# Cotton Bacon Prime or Royal Wicks



## Steyn777 (27/2/18)

I will be in the Johannesburg South and West region tomorrow. Anyone nearby have cotton bacon prime or royal wicks on stock?


----------



## Adephi (27/2/18)

Been to a few shops in Centurion that got CB Prime in but not loaded on the websites yet. Maybe give Vape Cartel in Alberton a ring.


----------



## Steyn777 (28/2/18)

Thanks


Adephi said:


> Been to a few shops in Centurion that got CB Prime in but not loaded on the websites yet. Maybe give Vape Cartel in Alberton a ring.
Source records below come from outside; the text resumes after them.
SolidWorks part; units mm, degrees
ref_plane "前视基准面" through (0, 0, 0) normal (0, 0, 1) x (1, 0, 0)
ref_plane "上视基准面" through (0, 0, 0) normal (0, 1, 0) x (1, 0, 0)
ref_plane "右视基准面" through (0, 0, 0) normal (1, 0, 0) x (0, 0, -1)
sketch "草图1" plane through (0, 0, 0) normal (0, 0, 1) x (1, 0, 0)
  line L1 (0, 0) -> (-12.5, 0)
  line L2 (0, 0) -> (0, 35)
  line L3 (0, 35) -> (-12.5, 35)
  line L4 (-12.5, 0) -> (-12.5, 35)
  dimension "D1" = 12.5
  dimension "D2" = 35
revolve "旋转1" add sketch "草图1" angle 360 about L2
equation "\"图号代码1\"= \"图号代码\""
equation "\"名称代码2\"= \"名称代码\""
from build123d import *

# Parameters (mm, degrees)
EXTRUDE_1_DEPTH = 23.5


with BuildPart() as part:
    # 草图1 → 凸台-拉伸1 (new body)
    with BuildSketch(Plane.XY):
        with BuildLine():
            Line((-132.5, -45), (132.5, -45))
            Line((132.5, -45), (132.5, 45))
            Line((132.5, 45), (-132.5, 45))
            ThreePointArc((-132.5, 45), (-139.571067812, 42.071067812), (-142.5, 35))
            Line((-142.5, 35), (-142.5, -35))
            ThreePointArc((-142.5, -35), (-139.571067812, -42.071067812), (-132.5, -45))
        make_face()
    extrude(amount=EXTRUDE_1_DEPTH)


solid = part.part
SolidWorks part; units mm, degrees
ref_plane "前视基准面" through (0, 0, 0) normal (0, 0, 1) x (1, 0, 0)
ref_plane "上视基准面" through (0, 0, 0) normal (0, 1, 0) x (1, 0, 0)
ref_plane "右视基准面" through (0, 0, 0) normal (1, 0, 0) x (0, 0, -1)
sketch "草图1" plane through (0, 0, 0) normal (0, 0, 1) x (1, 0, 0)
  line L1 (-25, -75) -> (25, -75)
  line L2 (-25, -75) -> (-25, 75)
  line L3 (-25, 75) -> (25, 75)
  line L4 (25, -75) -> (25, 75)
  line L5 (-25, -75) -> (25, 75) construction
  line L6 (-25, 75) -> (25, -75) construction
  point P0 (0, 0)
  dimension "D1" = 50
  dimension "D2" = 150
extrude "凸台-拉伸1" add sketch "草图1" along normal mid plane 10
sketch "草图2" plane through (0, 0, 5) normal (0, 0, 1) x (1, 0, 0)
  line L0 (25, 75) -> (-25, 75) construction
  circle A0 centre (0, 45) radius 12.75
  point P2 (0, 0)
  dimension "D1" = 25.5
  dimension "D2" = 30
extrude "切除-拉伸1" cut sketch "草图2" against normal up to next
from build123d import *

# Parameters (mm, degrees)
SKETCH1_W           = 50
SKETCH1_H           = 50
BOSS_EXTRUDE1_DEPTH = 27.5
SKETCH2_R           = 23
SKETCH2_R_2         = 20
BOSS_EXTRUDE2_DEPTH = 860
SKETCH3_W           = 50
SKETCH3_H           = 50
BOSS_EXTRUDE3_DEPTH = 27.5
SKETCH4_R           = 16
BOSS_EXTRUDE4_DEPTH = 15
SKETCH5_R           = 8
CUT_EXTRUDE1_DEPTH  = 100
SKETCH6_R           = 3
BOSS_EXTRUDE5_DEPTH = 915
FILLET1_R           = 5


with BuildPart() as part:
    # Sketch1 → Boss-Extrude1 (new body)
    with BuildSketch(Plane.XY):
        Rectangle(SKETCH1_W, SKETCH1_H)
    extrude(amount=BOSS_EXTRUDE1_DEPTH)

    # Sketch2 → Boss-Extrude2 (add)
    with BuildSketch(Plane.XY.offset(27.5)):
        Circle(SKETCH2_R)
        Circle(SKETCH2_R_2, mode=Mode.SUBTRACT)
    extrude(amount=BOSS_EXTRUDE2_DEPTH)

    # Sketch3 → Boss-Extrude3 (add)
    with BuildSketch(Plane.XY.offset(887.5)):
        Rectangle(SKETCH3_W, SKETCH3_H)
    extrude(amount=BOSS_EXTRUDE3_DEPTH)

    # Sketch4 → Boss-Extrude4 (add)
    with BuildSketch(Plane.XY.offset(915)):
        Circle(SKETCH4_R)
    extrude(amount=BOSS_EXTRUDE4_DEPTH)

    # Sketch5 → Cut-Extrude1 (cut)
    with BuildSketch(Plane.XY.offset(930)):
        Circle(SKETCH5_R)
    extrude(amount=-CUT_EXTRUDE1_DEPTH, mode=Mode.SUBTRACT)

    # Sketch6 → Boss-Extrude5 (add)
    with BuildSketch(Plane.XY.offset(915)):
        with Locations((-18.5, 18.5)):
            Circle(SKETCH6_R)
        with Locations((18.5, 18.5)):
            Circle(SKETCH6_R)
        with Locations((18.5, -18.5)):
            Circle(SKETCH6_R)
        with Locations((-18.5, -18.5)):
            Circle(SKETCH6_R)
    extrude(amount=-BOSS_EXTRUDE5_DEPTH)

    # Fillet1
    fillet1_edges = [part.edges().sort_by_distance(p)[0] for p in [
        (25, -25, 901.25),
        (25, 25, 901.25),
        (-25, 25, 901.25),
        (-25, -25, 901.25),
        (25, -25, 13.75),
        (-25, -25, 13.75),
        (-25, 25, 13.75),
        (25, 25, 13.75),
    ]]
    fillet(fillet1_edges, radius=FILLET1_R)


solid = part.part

Thanks a million, will give them a ring.


----------



## Cornelius (28/2/18)

I bought both over the weekend from Vape Odyssey in Horison view


----------



## Steyn777 (28/2/18)

Cornelius said:


> I bought both over the weekend from Vape Odyssey in Horison view


That is brilliant info. I am going past horizon view!! Tanks @Cornelius


----------



## Nexo.Suicide (28/2/18)

I saw at VapeRite in Bedford on Sunday. Maybe check with them too?


Sent from my iPhone using Tapatalk

Reactions: Like 1


----------



## Steyn777 (28/2/18)

Nexo.Suicide said:


> I saw at VapeRite in Bedford on Sunday. Maybe check with them too?



Thanks @Nexo.Suicide , found it, wicked it, loving it.
Sent from my iPhone using Tapatalk

Reactions: Like 1


----------



## Smoke_A_Llama (2/3/18)

@Random_Sheep


----------